Рекомендуем почитать
Белая птица

В романе «Белая птица» автор обращается ко времени первых предвоенных пятилеток. Именно тогда, в тридцатые годы, складывался и закалялся характер советского человека, рожденного новым общественным строем, создавались нормы новой, социалистической морали. В центре романа две семьи, связанные немирной дружбой, — инженера авиации Георгия Карачаева и рабочего Федора Шумакова, драматическая любовь Георгия и его жены Анны, возмужание детей — Сережи Карачаева и Маши Шумаковой. Исследуя характеры своих героев, автор воссоздает обстановку тех незабываемых лет, борьбу за новое поколение тружеников и солдат, которые не отделяли своих судеб от судеб человечества, судьбы революции.


У Дона Великого

Повесть «У Дона Великого» — оригинальное авторское осмысление Куликовской битвы и предшествующих ей событий. Московский князь Дмитрий Иванович, воевода Боброк-Волынский, боярин Бренк, хан Мамай и его окружение, а также простые люди — воин-смерд Ерема, его невеста Алена, ордынские воины Ахмат и Турсун — показаны в сложном переплетении их судеб и неповторимости характеров.
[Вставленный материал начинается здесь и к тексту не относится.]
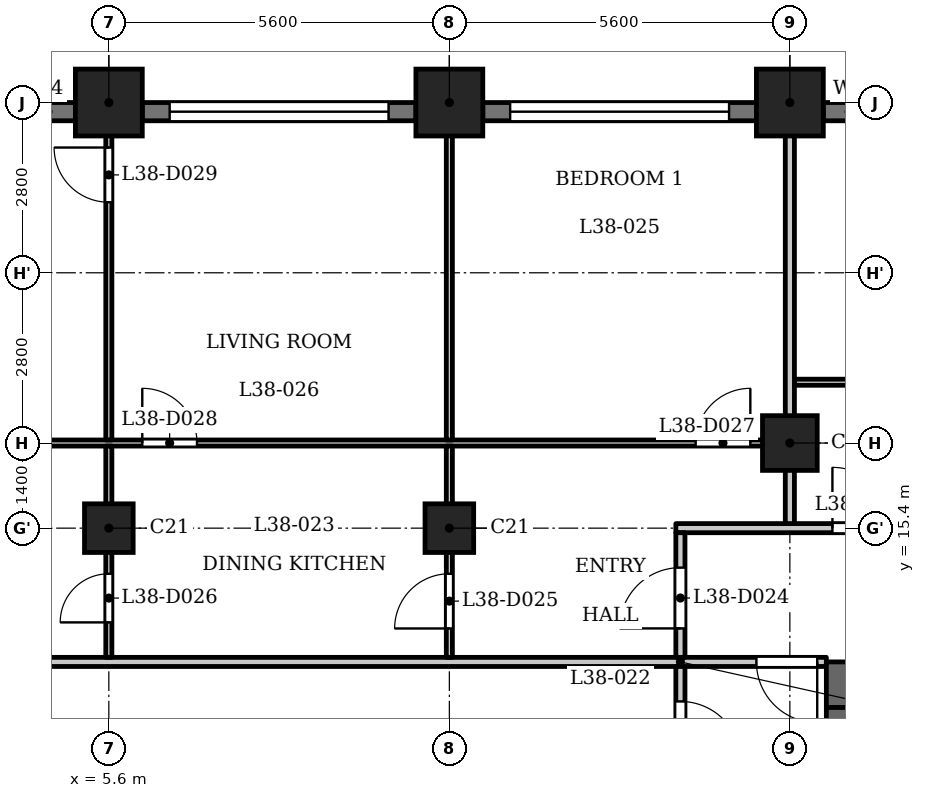
"""IFC4 building model, lengths in metres.
Left out: names, types, materials, properties, quantities, classifications, styles, units other than length and angle.
Written with IfcOpenShell. Run it as: python <this file> out.ifc"""

import sys

from ifc_helpers import new_model, si_unit, direction, frame, frame_2d, origin, origin_2d, place, context, subcontext, project, spatial, rectangle, extrude, element, fill, save


model = new_model("IFC4")
c1 = context("Model", 3, precision=1e-05, world=origin(), true_north=direction((0.0, 1.0)))
c2 = subcontext(c1, "Body", "Model", "MODEL_VIEW")
j1 = project(units=[si_unit("LENGTHUNIT", "METRE"), si_unit("PLANEANGLEUNIT", "RADIAN")], contexts=[c1])
p1 = place(None, origin())
s1 = spatial("IfcSite", under=j1, at=p1, CompositionType="ELEMENT")
p2 = place(p1, origin())
s2 = spatial("IfcBuilding", under=s1, at=p2, CompositionType="ELEMENT")
p3 = place(p2, frame((0.0, 0.0, 150.1)))
s3 = spatial("IfcBuildingStorey", under=s2, at=p3, CompositionType="ELEMENT", Elevation=150.1)
for number, where, z_axis, x_axis in (
    (1, (16.8, 22.4, 0.0), (0.0, 0.0, 1.0), (1.0, 0.0, 0.0)),
    (2, (11.2, 22.4, 0.0), (0.0, 0.0, 1.0), (1.0, 0.0, 0.0)),
    (3, (5.6, 22.4, 0.0), (0.0, 0.0, 1.0), (1.0, 0.0, 0.0)),
):
    element("IfcColumn", number, at=place(p3, frame(where, z_axis=z_axis, x_axis=x_axis)), inside=s3, PredefinedType="COLUMN", context=c2, shape_type="SweptSolid", body=[
        extrude(rectangle(XDim=1.1, YDim=1.1, at=origin_2d()), origin(), (0.0, 0.0, 1.0), 3.5),
    ])
p4 = place(p3, frame((16.8, 16.8, 0.0), z_axis=(0.0, 0.0, 1.0), x_axis=(1.0, 0.0, 0.0)))
e4 = element("IfcColumn", 4, at=p4, inside=s3, PredefinedType="COLUMN", context=c2, shape_type="SweptSolid", body=[
    extrude(rectangle(XDim=0.9, YDim=0.9, at=origin_2d()), origin(), (0.0, 0.0, 1.0), 3.5),
])
for number, where, z_axis, x_axis in (
    (5, (5.6, 15.4, 0.0), (0.0, 0.0, 1.0), (1.0, 0.0, 0.0)),
    (6, (11.2, 15.4, 0.0), (0.0, 0.0, 1.0), (1.0, 0.0, 0.0)),
):
    element("IfcColumn", number, at=place(p3, frame(where, z_axis=z_axis, x_axis=x_axis)), inside=s3, PredefinedType="COLUMN", context=c2, shape_type="SweptSolid", body=[
        extrude(rectangle(XDim=0.8, YDim=0.8, at=origin_2d()), origin(), (0.0, 0.0, 1.0), 3.5),
    ])
p5 = place(p3, frame((20.0, 22.25, 0.0), z_axis=(0.0, 0.0, 1.0), x_axis=(-1.0, 0.0, 0.0)))
e7 = element("IfcWall", 7, at=p5, inside=s3, PredefinedType="SOLIDWALL", context=c2, shape_type="SweptSolid", body=[
    extrude(rectangle(XDim=2.65, YDim=0.3, at=frame_2d((1.325, 0.0))), origin(), (0.0, 0.0, 1.0), 2.45),
])
p6 = place(p5, frame((0.425, 0.0, 0.9)))
e8 = element("IfcOpeningElement", 8, at=p6, cuts=e7, PredefinedType="OPENING", context=c2, shape_type="SweptSolid", body=[
    extrude(rectangle(XDim=1.8, YDim=1.25, at=frame_2d((0.9, 0.625))), frame((0.0, 0.16, 0.0), z_axis=(0.0, -1.0, 0.0), x_axis=(1.0, 0.0, 0.0)), (0.0, 0.0, 1.0), 0.32),
])
p7 = place(p3, frame((16.25, 22.25, 0.0), z_axis=(0.0, 0.0, 1.0), x_axis=(-1.0, 0.0, 0.0)))
e9 = element("IfcWall", 9, at=p7, inside=s3, PredefinedType="SOLIDWALL", context=c2, shape_type="SweptSolid", body=[
    extrude(rectangle(XDim=4.5, YDim=0.3, at=frame_2d((2.25, 0.0))), origin(), (0.0, 0.0, 1.0), 2.45),
])
p8 = place(p7, frame((0.45, 0.0, 1.2)))
e10 = element("IfcOpeningElement", 10, at=p8, cuts=e9, PredefinedType="OPENING", context=c2, shape_type="SweptSolid", body=[
    extrude(rectangle(XDim=3.6, YDim=0.95, at=frame_2d((1.8, 0.475))), frame((0.0, 0.16, 0.0), z_axis=(0.0, -1.0, 0.0), x_axis=(1.0, 0.0, 0.0)), (0.0, 0.0, 1.0), 0.32),
])
p9 = place(p3, frame((10.65, 22.25, 0.0), z_axis=(0.0, 0.0, 1.0), x_axis=(-1.0, 0.0, 0.0)))
e11 = element("IfcWall", 11, at=p9, inside=s3, PredefinedType="SOLIDWALL", context=c2, shape_type="SweptSolid", body=[
    extrude(rectangle(XDim=4.5, YDim=0.3, at=frame_2d((2.25, 0.0))), origin(), (0.0, 0.0, 1.0), 2.45),
])
p10 = place(p9, frame((0.45, 0.0, 1.2)))
e12 = element("IfcOpeningElement", 12, at=p10, cuts=e11, PredefinedType="OPENING", context=c2, shape_type="SweptSolid", body=[
    extrude(rectangle(XDim=3.6, YDim=0.95, at=frame_2d((1.8, 0.475))), frame((0.0, 0.16, 0.0), z_axis=(0.0, -1.0, 0.0), x_axis=(1.0, 0.0, 0.0)), (0.0, 0.0, 1.0), 0.32),
])
p11 = place(p3, frame((5.05, 22.25, 0.0), z_axis=(0.0, 0.0, 1.0), x_axis=(-1.0, 0.0, 0.0)))
e13 = element("IfcWall", 13, at=p11, inside=s3, PredefinedType="SOLIDWALL", context=c2, shape_type="SweptSolid", body=[
    extrude(rectangle(XDim=4.5, YDim=0.3, at=frame_2d((2.25, 0.0))), origin(), (0.0, 0.0, 1.0), 2.45),
])
p12 = place(p11, frame((0.45, 0.0, 1.2)))
e14 = element("IfcOpeningElement", 14, at=p12, cuts=e13, PredefinedType="OPENING", context=c2, shape_type="SweptSolid", body=[
    extrude(rectangle(XDim=3.6, YDim=0.95, at=frame_2d((1.8, 0.475))), frame((0.0, 0.16, 0.0), z_axis=(0.0, -1.0, 0.0), x_axis=(1.0, 0.0, 0.0)), (0.0, 0.0, 1.0), 0.32),
])
p13 = place(p3, frame((17.4, 12.825, 0.0), z_axis=(0.0, 0.0, 1.0), x_axis=(1.0, 0.0, 0.0)))
e15 = element("IfcWall", 15, at=p13, inside=s3, PredefinedType="SHEAR", context=c2, shape_type="SweptSolid", body=[
    extrude(rectangle(XDim=10.4, YDim=0.75, at=frame_2d((5.2, 0.0))), origin(), (0.0, 0.0, 1.0), 3.2),
])
p14 = place(p3, frame((17.6, -12.45, 0.0), z_axis=(0.0, 0.0, 1.0), x_axis=(0.0, 1.0, 0.0)))
e16 = element("IfcWall", 16, at=p14, inside=s3, PredefinedType="SHEAR", context=c2, shape_type="SweptSolid", body=[
    extrude(rectangle(XDim=24.9, YDim=0.4, at=frame_2d((12.45, 0.0))), origin(), (0.0, 0.0, 1.0), 3.2),
])
p15 = place(p14, frame((6.325, 0.0, 0.0)))
e17 = element("IfcOpeningElement", 17, at=p15, cuts=e16, PredefinedType="OPENING", context=c2, shape_type="SweptSolid", body=[
    extrude(rectangle(XDim=0.9, YDim=2.1, at=frame_2d((0.45, 1.05))), frame((0.0, 0.21, 0.0), z_axis=(0.0, -1.0, 0.0), x_axis=(1.0, 0.0, 0.0)), (0.0, 0.0, 1.0), 0.42),
])
p16 = place(p14, frame((9.925, 0.0, 0.0)))
e18 = element("IfcOpeningElement", 18, at=p16, cuts=e16, PredefinedType="OPENING", context=c2, shape_type="SweptSolid", body=[
    extrude(rectangle(XDim=0.9, YDim=2.1, at=frame_2d((0.45, 1.05))), frame((0.0, 0.21, 0.0), z_axis=(0.0, -1.0, 0.0), x_axis=(1.0, 0.0, 0.0)), (0.0, 0.0, 1.0), 0.42),
])
p17 = place(p14, frame((15.6, 0.0, 0.0)))
e19 = element("IfcOpeningElement", 19, at=p17, cuts=e16, PredefinedType="OPENING", context=c2, shape_type="SweptSolid", body=[
    extrude(rectangle(XDim=1.1, YDim=2.1, at=frame_2d((0.55, 1.05))), frame((0.0, 0.21, 0.0), z_axis=(0.0, -1.0, 0.0), x_axis=(1.0, 0.0, 0.0)), (0.0, 0.0, 1.0), 0.42),
])
p18 = place(p14, frame((18.0, 0.0, 0.0)))
e20 = element("IfcOpeningElement", 20, at=p18, cuts=e16, PredefinedType="OPENING", context=c2, shape_type="SweptSolid", body=[
    extrude(rectangle(XDim=1.1, YDim=2.1, at=frame_2d((0.55, 1.05))), frame((0.0, 0.21, 0.0), z_axis=(0.0, -1.0, 0.0), x_axis=(1.0, 0.0, 0.0)), (0.0, 0.0, 1.0), 0.42),
])
p19 = place(p14, frame((23.025, 0.0, 0.0)))
e21 = element("IfcOpeningElement", 21, at=p19, cuts=e16, PredefinedType="OPENING", context=c2, shape_type="SweptSolid", body=[
    extrude(rectangle(XDim=1.1, YDim=2.1, at=frame_2d((0.55, 1.05))), frame((0.0, 0.21, 0.0), z_axis=(0.0, -1.0, 0.0), x_axis=(1.0, 0.0, 0.0)), (0.0, 0.0, 1.0), 0.42),
])
p20 = place(p14, frame((0.775, 0.0, 0.0)))
e22 = element("IfcOpeningElement", 22, at=p20, cuts=e16, PredefinedType="OPENING", context=c2, shape_type="SweptSolid", body=[
    extrude(rectangle(XDim=1.1, YDim=2.1, at=frame_2d((0.55, 1.05))), frame((0.0, 0.21, 0.0), z_axis=(0.0, -1.0, 0.0), x_axis=(1.0, 0.0, 0.0)), (0.0, 0.0, 1.0), 0.42),
])
p21 = place(p14, frame((12.925, 0.0, 0.0)))
e23 = element("IfcOpeningElement", 23, at=p21, cuts=e16, PredefinedType="OPENING", context=c2, shape_type="SweptSolid", body=[
    extrude(rectangle(XDim=1.8, YDim=2.1, at=frame_2d((0.9, 1.05))), frame((0.0, 0.21, 0.0), z_axis=(0.0, -1.0, 0.0), x_axis=(1.0, 0.0, 0.0)), (0.0, 0.0, 1.0), 0.42),
])
p22 = place(p3, frame((-17.4, 13.2, 0.0), z_axis=(0.0, 0.0, 1.0), x_axis=(1.0, 0.0, 0.0)))
e24 = element("IfcWall", 24, at=p22, inside=s3, PredefinedType="PARTITIONING", context=c2, shape_type="SweptSolid", body=[
    extrude(rectangle(XDim=34.8, YDim=0.15, at=frame_2d((17.4, 0.0))), origin(), (0.0, 0.0, 1.0), 3.2),
])
p23 = place(p22, frame((0.25, 0.0, 0.0)))
e25 = element("IfcOpeningElement", 25, at=p23, cuts=e24, PredefinedType="OPENING", context=c2, shape_type="SweptSolid", body=[
    extrude(rectangle(XDim=1.0, YDim=2.1, at=frame_2d((0.5, 1.05))), frame((0.0, 0.085, 0.0), z_axis=(0.0, -1.0, 0.0), x_axis=(1.0, 0.0, 0.0)), (0.0, 0.0, 1.0), 0.17),
])
p24 = place(p22, frame((33.65, 0.0, 0.0)))
e26 = element("IfcOpeningElement", 26, at=p24, cuts=e24, PredefinedType="OPENING", context=c2, shape_type="SweptSolid", body=[
    extrude(rectangle(XDim=1.0, YDim=2.1, at=frame_2d((0.5, 1.05))), frame((0.0, 0.085, 0.0), z_axis=(0.0, -1.0, 0.0), x_axis=(1.0, 0.0, 0.0)), (0.0, 0.0, 1.0), 0.17),
])
p25 = place(p22, frame((13.75, 0.0, 0.0)))
e27 = element("IfcOpeningElement", 27, at=p25, cuts=e24, PredefinedType="OPENING", context=c2, shape_type="SweptSolid", body=[
    extrude(rectangle(XDim=1.0, YDim=2.1, at=frame_2d((0.5, 1.05))), frame((0.0, 0.085, 0.0), z_axis=(0.0, -1.0, 0.0), x_axis=(1.0, 0.0, 0.0)), (0.0, 0.0, 1.0), 0.17),
])
p26 = place(p3, frame((14.925, 15.4, 0.0), z_axis=(0.0, 0.0, 1.0), x_axis=(1.0, 0.0, 0.0)))
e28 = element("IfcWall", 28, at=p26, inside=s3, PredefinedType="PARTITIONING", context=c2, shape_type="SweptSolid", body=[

Те дни и ночи, те рассветы...

Книгу известного советского писателя Виктора Тельпугова составили рассказы о Владимире Ильиче Ленине. В них нашли свое отражение предреволюционный и послеоктябрьский периоды деятельности вождя.


Корчма на Брагинке

Почти неизвестный рассказ Паустовского. Орфография оригинального текста сохранена. Рисунки Адриана Михайловича Ермолаева.


Лавина

Роман М. Милякова (уже известного читателю по роману «Именины») можно назвать психологическим детективом. Альпинистский высокогорный лагерь. Четверка отважных совершает восхождение. Главные герои — Сергей Невраев, мужественный, благородный человек, и его антипод и соперник Жора Бардошин. Обстоятельства, в которые попадают герои, подвергают их серьезным испытаниям. В ретроспекции автор раскрывает историю взаимоотношений, обстоятельства жизни действующих лиц, заставляет задуматься над категориями добра и зла, любви и ненависти.


Сердце-озеро

В основу произведений (сказы, легенды, поэмы, сказки) легли поэтические предания, бытующие на Южном Урале. Интерес поэтессы к фольклору вызван горячей, патриотической любовью к родному уральскому краю, его истории, природе. «Партизанская быль», «Сказание о незакатной заре», поэма «Трубач с Магнит-горы» и цикл стихов, основанные на современном материале, показывают преемственность героев легендарного прошлого и поколений людей, строящих социалистическое общество. Сборник адресован юношеству.